Fastest Path to Results
Once we have the information gathered, we can now start executing some tests. Let’s take some of the points discussed above and describe our system:
- OpenStack deployment with 3 Control nodes, 5 Compute nodes and 3 dedicated Ceph storage nodes.
- Ceph nodes each have 240 GB RAM available to be used as cache.
- Our application writes directly to the raw device (/dev/vdb)
- There will be 10 instances of the application running, each with its own volume.
- Our application can use block sizes of 4k or 64k.
- Our application is capable of maintaining up to 6 I/O operations simultaneously.

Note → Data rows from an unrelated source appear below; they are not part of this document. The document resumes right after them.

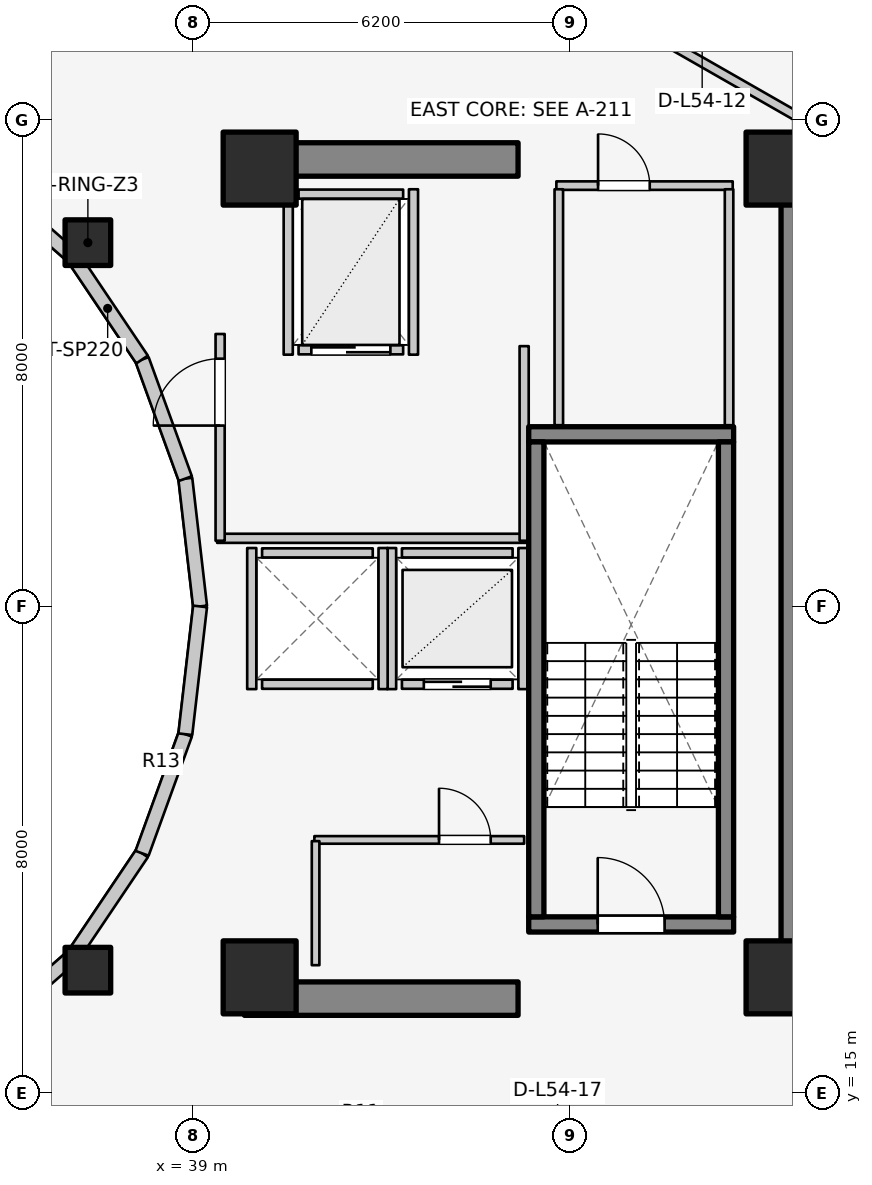
"""IFC4 building model, lengths in metres.
Left out: names, types, materials, properties, quantities, classifications, styles, units other than length and angle.
Written with IfcOpenShell. Run it as: python <this file> out.ifc"""

import sys

from ifc_helpers import new_model, si_unit, direction, frame, frame_2d, origin, origin_2d, place, context, subcontext, project, spatial, rectangle, extrude, element, fill, save


model = new_model("IFC4")
c1 = context("Model", 3, precision=1e-05, world=origin(), true_north=direction((0.0, 1.0)))
c2 = subcontext(c1, "Body", "Model", "MODEL_VIEW")
j1 = project(units=[si_unit("LENGTHUNIT", "METRE"), si_unit("PLANEANGLEUNIT", "RADIAN")], contexts=[c1])
p1 = place(None, origin())
s1 = spatial("IfcSite", under=j1, at=p1, CompositionType="ELEMENT")
p2 = place(p1, origin())
s2 = spatial("IfcBuilding", under=s1, at=p2, CompositionType="ELEMENT")
p3 = place(p2, frame((0.0, 0.0, 177.7)))
s3 = spatial("IfcBuildingStorey", under=s2, at=p3, CompositionType="ELEMENT", Elevation=177.7)
p4 = place(p3, frame((48.95, 17.05, 0.0), z_axis=(0.0, 0.0, 1.0), x_axis=(0.0, 1.0, 0.0)))
e1 = element("IfcWall", 1, at=p4, inside=s3, PredefinedType="SHEAR", context=c2, shape_type="SweptSolid", body=[
    extrude(rectangle(XDim=12.8, YDim=0.55, at=frame_2d((6.4, 0.0))), origin(), (0.0, 0.0, 1.0), 3.1),
])
for number, where, z_axis, x_axis in (
    (2, (39.85, 16.55, 0.0), (0.0, 0.0, 1.0), (1.0, 0.0, 0.0)),
    (3, (39.85, 30.35, 0.0), (0.0, 0.0, 1.0), (1.0, 0.0, 0.0)),
):
    element("IfcWall", number, at=place(p3, frame(where, z_axis=z_axis, x_axis=x_axis)), inside=s3, PredefinedType="SHEAR", context=c2, shape_type="SweptSolid", body=[
        extrude(rectangle(XDim=4.5, YDim=0.55, at=frame_2d((2.25, 0.0))), origin(), (0.0, 0.0, 1.0), 3.1),
    ])
p5 = place(p3, frame((44.525, 17.77, 0.0), z_axis=(0.0, 0.0, 1.0), x_axis=(1.0, 0.0, 0.0)))
e4 = element("IfcWall", 4, at=p5, inside=s3, PredefinedType="SOLIDWALL", context=c2, shape_type="SweptSolid", body=[
    extrude(rectangle(XDim=3.37, YDim=0.25, at=frame_2d((1.685, 0.0))), origin(), (0.0, 0.0, 1.0), 3.1),
])
p6 = place(p5, frame((1.135, 0.0, 0.0)))
e5 = element("IfcOpeningElement", 5, at=p6, cuts=e4, PredefinedType="OPENING", context=c2, shape_type="SweptSolid", body=[
    extrude(rectangle(XDim=1.1, YDim=2.1, at=frame_2d((0.55, 1.05))), frame((0.0, 0.135, 0.0), z_axis=(0.0, -1.0, 0.0), x_axis=(1.0, 0.0, 0.0)), (0.0, 0.0, 1.0), 0.27),
])
p7 = place(p3, frame((44.525, 25.83, 0.0), z_axis=(0.0, 0.0, 1.0), x_axis=(1.0, 0.0, 0.0)))
e6 = element("IfcWall", 6, at=p7, inside=s3, PredefinedType="SOLIDWALL", context=c2, shape_type="SweptSolid", body=[
    extrude(rectangle(XDim=3.37, YDim=0.25, at=frame_2d((1.685, 0.0))), origin(), (0.0, 0.0, 1.0), 3.1),
])
for number, where, z_axis, x_axis in (
    (7, (44.65, 17.895, 0.0), (0.0, 0.0, 1.0), (0.0, 1.0, 0.0)),
    (8, (47.77, 17.895, 0.0), (0.0, 0.0, 1.0), (0.0, 1.0, 0.0)),
):
    element("IfcWall", number, at=place(p3, frame(where, z_axis=z_axis, x_axis=x_axis)), inside=s3, PredefinedType="SOLIDWALL", context=c2, shape_type="SweptSolid", body=[
        extrude(rectangle(XDim=7.81, YDim=0.25, at=frame_2d((3.905, 0.0))), origin(), (0.0, 0.0, 1.0), 3.1),
    ])
for number, where, z_axis, x_axis in (
    (9, (40.1, 16.9, 0.0), (0.0, 0.0, 1.0), (1.0, 0.0, 0.0)),
    (10, (48.7, 16.9, 0.0), (0.0, 0.0, 1.0), (1.0, 0.0, 0.0)),
    (11, (48.7, 30.2, 0.0), (0.0, 0.0, 1.0), (1.0, 0.0, 0.0)),
    (12, (40.1, 30.2, 0.0), (0.0, 0.0, 1.0), (1.0, 0.0, 0.0)),
):
    element("IfcColumn", number, at=place(p3, frame(where, z_axis=z_axis, x_axis=x_axis)), inside=s3, PredefinedType="COLUMN", context=c2, shape_type="SweptSolid", body=[
        extrude(rectangle(XDim=1.2, YDim=1.2, at=origin_2d()), origin(), (0.0, 0.0, 1.0), 3.1),
    ])
for number, where, z_axis, x_axis in (
    (13, (37.275, 28.982, 0.0), (0.0, 0.0, 1.0), (1.0, 0.0, 0.0)),
    (14, (37.275, 17.018, 0.0), (0.0, 0.0, 1.0), (1.0, 0.0, 0.0)),
):
    element("IfcColumn", number, at=place(p3, frame(where, z_axis=z_axis, x_axis=x_axis)), inside=s3, PredefinedType="COLUMN", context=c2, shape_type="SweptSolid", body=[
        extrude(rectangle(XDim=0.75, YDim=0.75, at=origin_2d()), origin(), (0.0, 0.0, 1.0), 3.1),
    ])
p8 = place(p3, frame((39.12, 23.0, 0.0), z_axis=(0.0, 0.0, 1.0), x_axis=(-0.114711713601, 0.993398823617, 0.0)))
e15 = element("IfcWall", 15, at=p8, inside=s3, PredefinedType="STANDARD", context=c2, shape_type="SweptSolid", body=[
    extrude(rectangle(XDim=2.115, YDim=0.23, at=frame_2d((1.058, 0.0))), origin(), (0.0, 0.0, 1.0), 2.56),
])
p9 = place(p3, frame((38.877, 25.102, 0.0), z_axis=(0.0, 0.0, 1.0), x_axis=(-0.341423187295, 0.93990968033, 0.0)))
e16 = element("IfcWall", 16, at=p9, inside=s3, PredefinedType="STANDARD", context=c2, shape_type="SweptSolid", body=[
    extrude(rectangle(XDim=2.084, YDim=0.23, at=frame_2d((1.042, 0.0))), origin(), (0.0, 0.0, 1.0), 2.56),
])
p10 = place(p3, frame((38.166, 27.06, 0.0), z_axis=(0.0, 0.0, 1.0), x_axis=(-0.558197800898, 0.829707909492, 0.0)))
e17 = element("IfcWall", 17, at=p10, inside=s3, PredefinedType="STANDARD", context=c2, shape_type="SweptSolid", body=[
    extrude(rectangle(XDim=2.027, YDim=0.23, at=frame_2d((1.013, 0.0))), origin(), (0.0, 0.0, 1.0), 1.22),
])
for number, where, z_axis, x_axis in (
    (18, (37.035, 28.742, 0.0), (0.0, 0.0, 1.0), (-0.753, 0.659, 0.0)),
    (19, (35.56, 15.968, 0.0), (0.0, 0.0, 1.0), (0.753, 0.659, 0.0)),
):
    element("IfcWall", number, at=place(p3, frame(where, z_axis=z_axis, x_axis=x_axis)), inside=s3, PredefinedType="STANDARD", context=c2, shape_type="SweptSolid", body=[
        extrude(rectangle(XDim=1.959, YDim=0.23, at=frame_2d((0.98, 0.0))), origin(), (0.0, 0.0, 1.0), 1.22),
    ])
p11 = place(p3, frame((37.035, 17.258, 0.0), z_axis=(0.0, 0.0, 1.0), x_axis=(0.558197800898, 0.829707909492, 0.0)))
e20 = element("IfcWall", 20, at=p11, inside=s3, PredefinedType="STANDARD", context=c2, shape_type="SweptSolid", body=[
    extrude(rectangle(XDim=2.027, YDim=0.23, at=frame_2d((1.013, 0.0))), origin(), (0.0, 0.0, 1.0), 1.22),
])
p12 = place(p3, frame((38.166, 18.94, 0.0), z_axis=(0.0, 0.0, 1.0), x_axis=(0.341423187295, 0.93990968033, 0.0)))
e21 = element("IfcWall", 21, at=p12, inside=s3, PredefinedType="STANDARD", context=c2, shape_type="SweptSolid", body=[
    extrude(rectangle(XDim=2.084, YDim=0.23, at=frame_2d((1.042, 0.0))), origin(), (0.0, 0.0, 1.0), 2.56),
])
p13 = place(p3, frame((38.877, 20.898, 0.0), z_axis=(0.0, 0.0, 1.0), x_axis=(0.114711713601, 0.993398823617, 0.0)))
e22 = element("IfcWall", 22, at=p13, inside=s3, PredefinedType="STANDARD", context=c2, shape_type="SweptSolid", body=[
    extrude(rectangle(XDim=2.115, YDim=0.23, at=frame_2d((1.058, 0.0))), origin(), (0.0, 0.0, 1.0), 2.56),
])
p14 = place(p3, frame((42.44, 21.72, 0.0), z_axis=(0.0, 0.0, 1.0), x_axis=(1.0, 0.0, 0.0)))
e23 = element("IfcWall", 23, at=p14, inside=s3, PredefinedType="SOLIDWALL", context=c2, shape_type="SweptSolid", body=[
    extrude(rectangle(XDim=1.82, YDim=0.15, at=frame_2d((0.91, 0.0))), origin(), (0.0, 0.0, 1.0), 2.575),
])
p15 = place(p14, frame((0.36, 0.0, 0.0)))
e24 = element("IfcOpeningElement", 24, at=p15, cuts=e23, PredefinedType="OPENING", context=c2, shape_type="SweptSolid", body=[
    extrude(rectangle(XDim=1.1, YDim=2.1, at=frame_2d((0.55, 1.05))), frame((0.0, 0.085, 0.0), z_axis=(0.0, -1.0, 0.0), x_axis=(1.0, 0.0, 0.0)), (0.0, 0.0, 1.0), 0.17),
])
p16 = place(p3, frame((42.44, 23.88, 0.0), z_axis=(0.0, 0.0, 1.0), x_axis=(1.0, 0.0, 0.0)))
e25 = element("IfcWall", 25, at=p16, inside=s3, PredefinedType="SOLIDWALL", context=c2, shape_type="SweptSolid", body=[
    extrude(rectangle(XDim=1.82, YDim=0.15, at=frame_2d((0.91, 0.0))), origin(), (0.0, 0.0, 1.0), 2.575),
])
for number, where, z_axis, x_axis in (
    (26, (42.27, 21.64, 0.0), (0.0, 0.0, 1.0), (0.0, 1.0, 0.0)),
    (27, (44.43, 21.64, 0.0), (0.0, 0.0, 1.0), (0.0, 1.0, 0.0)),
):
    element("IfcWall", number, at=place(p3, frame(where, z_axis=z_axis, x_axis=x_axis)), inside=s3, PredefinedType="SOLIDWALL", context=c2, shape_type="SweptSolid", body=[
        extrude(rectangle(XDim=2.32, YDim=0.15, at=frame_2d((1.16, 0.0))), origin(), (0.0, 0.0, 1.0), 2.575),
    ])
for number, where, z_axis, x_axis in (
    (28, (40.14, 21.72, 0.0), (0.0, 0.0, 1.0), (1.0, 0.0, 0.0)),
    (29, (40.14, 23.88, 0.0), (0.0, 0.0, 1.0), (1.0, 0.0, 0.0)),
):
    element("IfcWall", number, at=place(p3, frame(where, z_axis=z_axis, x_axis=x_axis)), inside=s3, PredefinedType="SOLIDWALL", context=c2, shape_type="SweptSolid", body=[
        extrude(rectangle(XDim=1.82, YDim=0.15, at=frame_2d((0.91, 0.0))), origin(), (0.0, 0.0, 1.0), 2.12),
    ])
p17 = place(p3, frame((39.97, 21.64, 0.0), z_axis=(0.0, 0.0, 1.0), x_axis=(0.0, 1.0, 0.0)))
e30 = element("IfcWall", 30, at=p17, inside=s3, PredefinedType="SOLIDWALL", context=c2, shape_type="SweptSolid", body=[
    extrude(rectangle(XDim=2.32, YDim=0.15, at=frame_2d((1.16, 0.0))), origin(), (0.0, 0.0, 1.0), 2.12),
])
p18 = place(p3, frame((42.13, 21.64, 0.0), z_axis=(0.0, 0.0, 1.0), x_axis=(0.0, 1.0, 0.0)))
e31 = element("IfcWall", 31, at=p18, inside=s3, PredefinedType="SOLIDWALL", context=c2, shape_type="SweptSolid", body=[
    extrude(rectangle(XDim=2.32, YDim=0.15, at=frame_2d((1.16, 0.0))), origin(), (0.0, 0.0, 1.0), 2.575),
])
p19 = place(p3, frame((40.74, 27.22, 0.0), z_axis=(0.0, 0.0, 1.0), x_axis=(1.0, 0.0, 0.0)))
e32 = element("IfcWall", 32, at=p19, inside=s3, PredefinedType="SOLIDWALL", context=c2, shape_type="SweptSolid", body=[
    extrude(rectangle(XDim=1.72, YDim=0.15, at=frame_2d((0.86, 0.0))), origin(), (0.0, 0.0, 1.0), 2.575),
])
p20 = place(p19, frame((0.21, 0.0, 0.0)))
e33 = element("IfcOpeningElement", 33, at=p20, cuts=e32, PredefinedType="OPENING", context=c2, shape_type="SweptSolid", body=[
    extrude(rectangle(XDim=1.3, YDim=2.1, at=frame_2d((0.65, 1.05))), frame((0.0, 0.085, 0.0), z_axis=(0.0, -1.0, 0.0), x_axis=(1.0, 0.0, 0.0)), (0.0, 0.0, 1.0), 0.17),
])
p21 = place(p3, frame((40.74, 29.78, 0.0), z_axis=(0.0, 0.0, 1.0), x_axis=(1.0, 0.0, 0.0)))
e34 = element("IfcWall", 34, at=p21, inside=s3, PredefinedType="SOLIDWALL", context=c2, shape_type="SweptSolid", body=[
    extrude(rectangle(XDim=1.72, YDim=0.15, at=frame_2d((0.86, 0.0))), origin(), (0.0, 0.0, 1.0), 2.575),
])
for number, where, z_axis, x_axis in (
    (35, (40.57, 27.14, 0.0), (0.0, 0.0, 1.0), (0.0, 1.0, 0.0)),
    (36, (42.63, 27.14, 0.0), (0.0, 0.0, 1.0), (0.0, 1.0, 0.0)),
):
    element("IfcWall", number, at=place(p3, frame(where, z_axis=z_axis, x_axis=x_axis)), inside=s3, PredefinedType="SOLIDWALL", context=c2, shape_type="SweptSolid", body=[
        extrude(rectangle(XDim=2.72, YDim=0.15, at=frame_2d((1.36, 0.0))), origin(), (0.0, 0.0, 1.0), 2.575),
    ])
p22 = place(p3, frame((39.4, 24.12, 0.0), z_axis=(0.0, 0.0, 1.0), x_axis=(1.0, 0.0, 0.0)))
e37 = element("IfcWall", 37, at=p22, inside=s3, PredefinedType="PARTITIONING", context=c2, shape_type="SweptSolid", body=[
    extrude(rectangle(XDim=5.08, YDim=0.15, at=frame_2d((2.54, 0.0))), origin(), (0.0, 0.0, 1.0), 2.12),
])
p23 = place(p3, frame((44.45, 24.08, 0.0), z_axis=(0.0, 0.0, 1.0), x_axis=(0.0, 1.0, 0.0)))
e38 = element("IfcWall", 38, at=p23, inside=s3, PredefinedType="PARTITIONING", context=c2, shape_type="SweptSolid", body=[
    extrude(rectangle(XDim=3.2, YDim=0.15, at=frame_2d((1.6, 0.0))), origin(), (0.0, 0.0, 1.0), 2.575),
])
p24 = place(p3, frame((39.45, 24.08, 0.0), z_axis=(0.0, 0.0, 1.0), x_axis=(0.0, 1.0, 0.0)))
e39 = element("IfcWall", 39, at=p24, inside=s3, PredefinedType="PARTITIONING", context=c2, shape_type="SweptSolid", body=[
    extrude(rectangle(XDim=3.4, YDim=0.15, at=frame_2d((1.7, 0.0))), origin(), (0.0, 0.0, 1.0), 2.575),
])
p25 = place(p24, frame((1.894, 0.0, 0.0)))
e40 = element("IfcOpeningElement", 40, at=p25, cuts=e39, PredefinedType="OPENING", context=c2, shape_type="SweptSolid", body=[
    extrude(rectangle(XDim=1.1, YDim=2.1, at=frame_2d((0.55, 1.05))), frame((0.0, 0.085, 0.0), z_axis=(0.0, -1.0, 0.0), x_axis=(1.0, 0.0, 0.0)), (0.0, 0.0, 1.0), 0.17),
])
p26 = place(p3, frame((41.0, 19.16, 0.0), z_axis=(0.0, 0.0, 1.0), x_axis=(1.0, 0.0, 0.0)))
e41 = element("IfcWall", 41, at=p26, inside=s3, PredefinedType="PARTITIONING", context=c2, shape_type="SweptSolid", body=[
    extrude(rectangle(XDim=3.45, YDim=0.125, at=frame_2d((1.725, 0.0))), origin(), (0.0, 0.0, 1.0), 2.12),
])
p27 = place(p26, frame((2.05, 0.0, 0.0)))
e42 = element("IfcOpeningElement", 42, at=p27, cuts=e41, PredefinedType="OPENING", context=c2, shape_type="SweptSolid", body=[
    extrude(rectangle(XDim=0.85, YDim=2.05, at=frame_2d((0.425, 1.025))), frame((0.0, 0.073, 0.0), z_axis=(0.0, -1.0, 0.0), x_axis=(1.0, 0.0, 0.0)), (0.0, 0.0, 1.0), 0.145),
])
p28 = place(p3, frame((41.02, 17.1, 0.0), z_axis=(0.0, 0.0, 1.0), x_axis=(0.0, 1.0, 0.0)))
e43 = element("IfcWall", 43, at=p28, inside=s3, PredefinedType="PARTITIONING", context=c2, shape_type="SweptSolid", body=[
    extrude(rectangle(XDim=2.04, YDim=0.125, at=frame_2d((1.02, 0.0))), origin(), (0.0, 0.0, 1.0), 2.575),
])
p29 = place(p3, frame((44.98, 29.92, 0.0), z_axis=(0.0, 0.0, 1.0), x_axis=(1.0, 0.0, 0.0)))
e44 = element("IfcWall", 44, at=p29, inside=s3, PredefinedType="PLUMBINGWALL", context=c2, shape_type="SweptSolid", body=[
    extrude(rectangle(XDim=2.9, YDim=0.14, at=frame_2d((1.45, 0.0))), origin(), (0.0, 0.0, 1.0), 2.575),
])
p30 = place(p29, frame((0.686, 0.0, 0.0)))
e45 = element("IfcOpeningElement", 45, at=p30, cuts=e44, PredefinedType="OPENING", context=c2, shape_type="SweptSolid", body=[
    extrude(rectangle(XDim=0.85, YDim=2.05, at=frame_2d((0.425, 1.025))), frame((0.0, 0.08, 0.0), z_axis=(0.0, -1.0, 0.0), x_axis=(1.0, 0.0, 0.0)), (0.0, 0.0, 1.0), 0.16),
])
for number, where, z_axis, x_axis in (
    (46, (45.02, 25.98, 0.0), (0.0, 0.0, 1.0), (0.0, 1.0, 0.0)),
    (47, (47.82, 25.98, 0.0), (0.0, 0.0, 1.0), (0.0, 1.0, 0.0)),
):
    element("IfcWall", number, at=place(p3, frame(where, z_axis=z_axis, x_axis=x_axis)), inside=s3, PredefinedType="PLUMBINGWALL", context=c2, shape_type="SweptSolid", body=[
        extrude(rectangle(XDim=3.88, YDim=0.14, at=frame_2d((1.94, 0.0))), origin(), (0.0, 0.0, 1.0), 2.575),
    ])
p31 = place(p3, frame((46.757, 32.305, 0.0), z_axis=(0.0, 0.0, 1.0), x_axis=(0.867991349648, -0.496579315857, 0.0)))
e48 = element("IfcWall", 48, at=p31, inside=s3, PredefinedType="PARTITIONING", context=c2, shape_type="SweptSolid", body=[
    extrude(rectangle(XDim=2.567, YDim=0.15, at=frame_2d((1.283, 0.0))), origin(), (0.0, 0.0, 1.0), 1.22),
])
p32 = place(p3, frame((35.55, 15.985, 0.0), z_axis=(0.0, 0.0, 1.0), x_axis=(0.523587550846, -0.851971875474, 0.0)))
e49 = element("IfcWall", 49, at=p32, inside=s3, PredefinedType="PARTITIONING", context=c2, shape_type="SweptSolid", body=[
    extrude(rectangle(XDim=3.153, YDim=0.125, at=frame_2d((1.577, 0.0))), origin(), (0.0, 0.0, 1.0), 2.019),
])
p33 = place(p6, origin())
e50 = element("IfcDoor", 50, at=p33, inside=s3, OperationType="SINGLE_SWING_LEFT", PredefinedType="DOOR", context=c2, shape_type="SweptSolid", body=[
    extrude(rectangle(XDim=1.1, YDim=2.1, at=frame_2d((0.55, 1.05))), frame((0.0, 0.025, 0.0), z_axis=(0.0, -1.0, 0.0), x_axis=(1.0, 0.0, 0.0)), (0.0, 0.0, 1.0), 0.05),
])
fill(e5, e50)
p34 = place(p15, origin())
e51 = element("IfcDoor", 51, at=p34, inside=s3, OperationType="DOUBLE_DOOR_SLIDING", PredefinedType="DOOR", context=c2, shape_type="SweptSolid", body=[
    extrude(rectangle(XDim=1.1, YDim=2.1, at=frame_2d((0.55, 1.05))), frame((0.0, 0.025, 0.0), z_axis=(0.0, -1.0, 0.0), x_axis=(1.0, 0.0, 0.0)), (0.0, 0.0, 1.0), 0.05),
])
fill(e24, e51)
p35 = place(p20, origin())
e52 = element("IfcDoor", 52, at=p35, inside=s3, OperationType="DOUBLE_DOOR_SLIDING", PredefinedType="DOOR", context=c2, shape_type="SweptSolid", body=[
    extrude(rectangle(XDim=1.3, YDim=2.1, at=frame_2d((0.65, 1.05))), frame((0.0, 0.025, 0.0), z_axis=(0.0, -1.0, 0.0), x_axis=(1.0, 0.0, 0.0)), (0.0, 0.0, 1.0), 0.05),
])
fill(e33, e52)
p36 = place(p25, origin())
e53 = element("IfcDoor", 53, at=p36, inside=s3, OperationType="SINGLE_SWING_LEFT", PredefinedType="DOOR", context=c2, shape_type="SweptSolid", body=[
    extrude(rectangle(XDim=1.1, YDim=2.1, at=frame_2d((0.55, 1.05))), frame((0.0, 0.025, 0.0), z_axis=(0.0, -1.0, 0.0), x_axis=(1.0, 0.0, 0.0)), (0.0, 0.0, 1.0), 0.05),
])
fill(e40, e53)
p37 = place(p27, origin())
e54 = element("IfcDoor", 54, at=p37, inside=s3, OperationType="SINGLE_SWING_LEFT", PredefinedType="DOOR", context=c2, shape_type="SweptSolid", body=[
    extrude(rectangle(XDim=0.85, YDim=2.05, at=frame_2d((0.425, 1.025))), frame((0.0, 0.025, 0.0), z_axis=(0.0, -1.0, 0.0), x_axis=(1.0, 0.0, 0.0)), (0.0, 0.0, 1.0), 0.05),
])
fill(e42, e54)
p38 = place(p30, origin())
e55 = element("IfcDoor", 55, at=p38, inside=s3, OperationType="SINGLE_SWING_LEFT", PredefinedType="DOOR", context=c2, shape_type="SweptSolid", body=[
    extrude(rectangle(XDim=0.85, YDim=2.05, at=frame_2d((0.425, 1.025))), frame((0.0, 0.025, 0.0), z_axis=(0.0, -1.0, 0.0), x_axis=(1.0, 0.0, 0.0)), (0.0, 0.0, 1.0), 0.05),
])
fill(e45, e55)
save(model, sys.argv[1])

The first thing we know is that we want to keep our cache hit ratio around 20%, so we will be moving 3,600 GB of data. We also know this will take a significant amount of time, so here is where StorPerf helps.
First, we use the configurations API to launch our 10 virtual machines each with a 360 GB volume. Next comes the most time consuming part, we call the initializations API to fill each one of these volumes with random data. By preloading the data, we ensure a number of things:
- The storage device has had to fully allocate all of the space for our volumes. This is especially important for software defined storage like Ceph, which is smart enough to know if data is being read from a block that has never been written. No data on disk means no disk read is needed and the response is immediate.
- The RAM cache has been overrun multiple times. Only 20% of what was written can possibly remain in cache.
This last part is important as we can now use StorPerf’s implementation of SNIA’s steady state algorithm to ensure our follow up tests execute as quickly as possible. Given the fact that 80% of the data in any given test results in a cache miss, we can run multiple tests in a row without having to re-initialize or invalidate the cache again in between test runs. We can also mix and match the types of workloads to be run in a single performance job submission.
Now we can submit a job to the jobs API to execute a 70%/30% mix of read/write, with a block size of 4k and an I/O queue depth of 6. This job will run until either the maximum time has expired, or until StorPerf detects steady state has been reached, at which point it will immediately complete and report the results of the measurements.
As a closing note, StorPerf does use FIO as its workload engine, so whatever workload parameters we would like to use with FIO can be passed directly through via StorPerf’s jobs API.